Further, what would the dimension of in_features be in my model since the features of both my nodes have different dimension?

Finally, how would the forward function look? Would it iterate over edge types as in the non-batch link prediction example? Maybe something like below? But then how does it handle the various edge types?

    def forward(self, g, neg_g, blocks, x):
        # run both part of the graph through it given the input feature
        h = self.sage(blocks, x)
        return self.pred(g, h), self.pred(neg_g, h)

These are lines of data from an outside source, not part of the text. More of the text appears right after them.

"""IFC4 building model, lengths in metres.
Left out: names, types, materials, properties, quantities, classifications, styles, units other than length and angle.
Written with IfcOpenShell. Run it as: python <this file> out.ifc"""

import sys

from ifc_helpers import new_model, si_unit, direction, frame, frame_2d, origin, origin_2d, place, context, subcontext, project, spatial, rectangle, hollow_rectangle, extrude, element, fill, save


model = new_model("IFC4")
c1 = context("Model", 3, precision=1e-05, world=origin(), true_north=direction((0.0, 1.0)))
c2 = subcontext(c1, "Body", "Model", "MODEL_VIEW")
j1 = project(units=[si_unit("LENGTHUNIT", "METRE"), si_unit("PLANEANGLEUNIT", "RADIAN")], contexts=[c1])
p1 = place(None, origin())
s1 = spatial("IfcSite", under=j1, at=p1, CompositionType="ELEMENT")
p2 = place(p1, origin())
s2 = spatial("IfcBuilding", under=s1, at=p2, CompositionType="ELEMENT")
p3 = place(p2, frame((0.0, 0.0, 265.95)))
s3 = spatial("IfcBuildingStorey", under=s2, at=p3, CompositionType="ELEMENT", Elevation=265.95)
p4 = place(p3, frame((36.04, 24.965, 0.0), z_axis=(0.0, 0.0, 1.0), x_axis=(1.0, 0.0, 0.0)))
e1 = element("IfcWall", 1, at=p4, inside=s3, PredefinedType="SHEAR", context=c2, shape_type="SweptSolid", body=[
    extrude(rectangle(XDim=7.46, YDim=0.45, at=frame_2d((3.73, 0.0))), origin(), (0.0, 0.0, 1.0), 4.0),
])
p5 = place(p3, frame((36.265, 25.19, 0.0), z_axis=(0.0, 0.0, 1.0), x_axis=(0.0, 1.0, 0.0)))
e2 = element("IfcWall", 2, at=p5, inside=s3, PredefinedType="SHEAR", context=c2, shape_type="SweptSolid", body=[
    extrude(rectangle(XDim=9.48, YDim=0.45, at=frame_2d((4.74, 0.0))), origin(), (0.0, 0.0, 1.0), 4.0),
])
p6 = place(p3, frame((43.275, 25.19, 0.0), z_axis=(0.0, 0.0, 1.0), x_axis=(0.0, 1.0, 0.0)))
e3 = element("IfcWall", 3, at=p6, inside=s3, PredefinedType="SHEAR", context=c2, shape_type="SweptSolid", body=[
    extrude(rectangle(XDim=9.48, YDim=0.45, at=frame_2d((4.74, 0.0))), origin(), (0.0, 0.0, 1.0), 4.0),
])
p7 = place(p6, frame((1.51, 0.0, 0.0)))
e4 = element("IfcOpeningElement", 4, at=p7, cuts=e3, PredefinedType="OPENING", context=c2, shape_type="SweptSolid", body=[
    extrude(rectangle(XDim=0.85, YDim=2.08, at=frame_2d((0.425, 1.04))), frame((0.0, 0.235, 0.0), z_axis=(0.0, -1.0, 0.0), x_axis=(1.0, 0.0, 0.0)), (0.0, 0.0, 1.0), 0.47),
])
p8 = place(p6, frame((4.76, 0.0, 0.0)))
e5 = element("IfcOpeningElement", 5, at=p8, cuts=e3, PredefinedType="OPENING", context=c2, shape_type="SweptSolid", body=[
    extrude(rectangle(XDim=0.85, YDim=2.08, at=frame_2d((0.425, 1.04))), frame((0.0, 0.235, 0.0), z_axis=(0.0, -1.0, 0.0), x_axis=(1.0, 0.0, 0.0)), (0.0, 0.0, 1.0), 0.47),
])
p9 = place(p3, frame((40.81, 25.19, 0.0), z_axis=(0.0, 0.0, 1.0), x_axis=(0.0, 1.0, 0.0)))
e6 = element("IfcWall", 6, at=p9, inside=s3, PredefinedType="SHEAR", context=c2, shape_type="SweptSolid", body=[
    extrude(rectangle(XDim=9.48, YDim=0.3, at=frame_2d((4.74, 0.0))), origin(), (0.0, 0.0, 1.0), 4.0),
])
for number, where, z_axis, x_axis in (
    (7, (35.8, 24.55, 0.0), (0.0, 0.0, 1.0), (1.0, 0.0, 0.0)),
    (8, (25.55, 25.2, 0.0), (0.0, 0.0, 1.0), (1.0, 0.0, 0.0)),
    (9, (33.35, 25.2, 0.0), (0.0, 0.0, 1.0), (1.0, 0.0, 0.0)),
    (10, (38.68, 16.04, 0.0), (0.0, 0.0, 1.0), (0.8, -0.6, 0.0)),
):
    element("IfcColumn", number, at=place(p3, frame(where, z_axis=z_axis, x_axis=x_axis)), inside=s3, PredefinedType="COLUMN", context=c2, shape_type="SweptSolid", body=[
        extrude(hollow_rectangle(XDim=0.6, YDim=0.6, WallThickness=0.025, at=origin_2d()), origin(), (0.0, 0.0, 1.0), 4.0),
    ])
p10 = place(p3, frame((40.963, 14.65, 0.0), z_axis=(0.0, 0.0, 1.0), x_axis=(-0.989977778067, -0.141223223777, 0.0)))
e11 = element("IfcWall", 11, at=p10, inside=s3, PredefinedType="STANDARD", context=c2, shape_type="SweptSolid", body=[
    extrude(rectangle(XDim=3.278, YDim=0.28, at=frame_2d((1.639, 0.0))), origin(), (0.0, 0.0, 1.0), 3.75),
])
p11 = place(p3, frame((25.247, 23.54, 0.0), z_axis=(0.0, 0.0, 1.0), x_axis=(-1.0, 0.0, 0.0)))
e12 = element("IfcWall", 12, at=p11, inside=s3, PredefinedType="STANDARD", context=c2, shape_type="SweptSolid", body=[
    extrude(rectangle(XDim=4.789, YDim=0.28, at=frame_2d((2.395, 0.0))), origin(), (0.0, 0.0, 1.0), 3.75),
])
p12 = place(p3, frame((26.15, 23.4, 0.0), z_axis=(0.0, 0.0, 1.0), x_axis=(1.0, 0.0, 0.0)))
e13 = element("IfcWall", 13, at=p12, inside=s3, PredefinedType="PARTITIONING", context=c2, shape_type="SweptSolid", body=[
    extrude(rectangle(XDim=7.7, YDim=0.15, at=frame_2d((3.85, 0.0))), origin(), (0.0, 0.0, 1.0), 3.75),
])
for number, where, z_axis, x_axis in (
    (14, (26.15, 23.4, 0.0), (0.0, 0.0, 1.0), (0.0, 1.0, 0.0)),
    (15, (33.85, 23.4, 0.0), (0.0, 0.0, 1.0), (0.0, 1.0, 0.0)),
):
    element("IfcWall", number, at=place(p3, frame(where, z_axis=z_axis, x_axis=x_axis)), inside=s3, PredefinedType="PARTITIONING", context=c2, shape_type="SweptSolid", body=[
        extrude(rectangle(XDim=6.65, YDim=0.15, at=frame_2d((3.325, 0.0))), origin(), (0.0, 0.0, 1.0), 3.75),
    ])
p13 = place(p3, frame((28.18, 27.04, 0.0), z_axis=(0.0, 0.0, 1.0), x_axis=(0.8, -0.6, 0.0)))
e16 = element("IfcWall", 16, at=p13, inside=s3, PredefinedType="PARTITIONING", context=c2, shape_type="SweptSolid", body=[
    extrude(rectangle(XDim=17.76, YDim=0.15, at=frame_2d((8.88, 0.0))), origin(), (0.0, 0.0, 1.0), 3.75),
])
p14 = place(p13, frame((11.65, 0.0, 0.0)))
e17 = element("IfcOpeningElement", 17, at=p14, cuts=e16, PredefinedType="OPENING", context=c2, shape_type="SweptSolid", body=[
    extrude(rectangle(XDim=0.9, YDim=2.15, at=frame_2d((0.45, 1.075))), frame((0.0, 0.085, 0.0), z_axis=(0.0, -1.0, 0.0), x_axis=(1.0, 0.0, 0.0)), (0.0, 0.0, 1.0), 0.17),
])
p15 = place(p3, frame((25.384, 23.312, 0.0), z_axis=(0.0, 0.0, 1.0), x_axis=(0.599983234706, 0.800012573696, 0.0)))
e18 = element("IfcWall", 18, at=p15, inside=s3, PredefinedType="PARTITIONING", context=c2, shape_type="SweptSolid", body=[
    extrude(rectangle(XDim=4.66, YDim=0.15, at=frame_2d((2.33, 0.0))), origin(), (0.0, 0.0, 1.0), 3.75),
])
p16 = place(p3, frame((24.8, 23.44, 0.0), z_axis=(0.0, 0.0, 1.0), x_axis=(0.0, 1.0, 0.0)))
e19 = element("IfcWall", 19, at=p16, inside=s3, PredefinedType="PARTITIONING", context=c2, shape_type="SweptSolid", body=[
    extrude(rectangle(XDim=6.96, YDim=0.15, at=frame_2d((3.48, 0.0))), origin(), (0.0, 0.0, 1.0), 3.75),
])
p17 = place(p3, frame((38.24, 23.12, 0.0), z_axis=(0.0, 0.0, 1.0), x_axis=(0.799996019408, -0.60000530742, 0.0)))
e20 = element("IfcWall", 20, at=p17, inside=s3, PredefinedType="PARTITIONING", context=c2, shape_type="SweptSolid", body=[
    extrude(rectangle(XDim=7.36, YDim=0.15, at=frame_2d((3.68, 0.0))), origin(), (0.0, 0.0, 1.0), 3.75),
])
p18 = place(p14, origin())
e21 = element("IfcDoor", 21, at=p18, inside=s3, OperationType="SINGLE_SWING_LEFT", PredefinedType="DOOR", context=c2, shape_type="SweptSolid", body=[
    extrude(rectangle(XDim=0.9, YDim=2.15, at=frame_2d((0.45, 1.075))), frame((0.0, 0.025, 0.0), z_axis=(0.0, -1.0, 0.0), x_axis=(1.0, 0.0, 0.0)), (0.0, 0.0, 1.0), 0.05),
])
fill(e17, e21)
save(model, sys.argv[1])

BarclayII · September 28, 2020, 7:41am

The discussion is continued here: Trouble Training Link Prediction on Heterograph with EdgeDataLoader

sopkri · October 2, 2020, 3:03pm

@hockeybro12 @BarclayII
Hi there! I’ve got a similar issue where I am using a ScorePredictor for Link Prediction on heterographs. Could you explain how you defined the HeteroScorePredictor() here? Because from the Tutorial 6.3, the implementation for ScorePredictor does not seem to work for heterographs with multiple node types:

class ScorePredictor(nn.Module):
    def forward(self, edge_subgraph, x):
        with edge_subgraph.local_scope():
            edge_subgraph.ndata['x'] = x
            for etype in edge_subgraph.canonical_etypes:
                edge_subgraph.apply_edges(
                    dgl.function.u_dot_v('x', 'x', 'score'), etype=etype)
            return edge_subgraph.edata['score']

hockeybro12 · October 2, 2020, 10:47pm

Hi @sopkri

The documentation is outdated there. I actually created a new thread here (Trouble Training Link Prediction on Heterograph with EdgeDataLoader), you can see if this helps you. If not, you can respond there and I can answer, as it is working for me now.

I think you have done it correctly, what issues are you facing? Maybe it’s related to something else?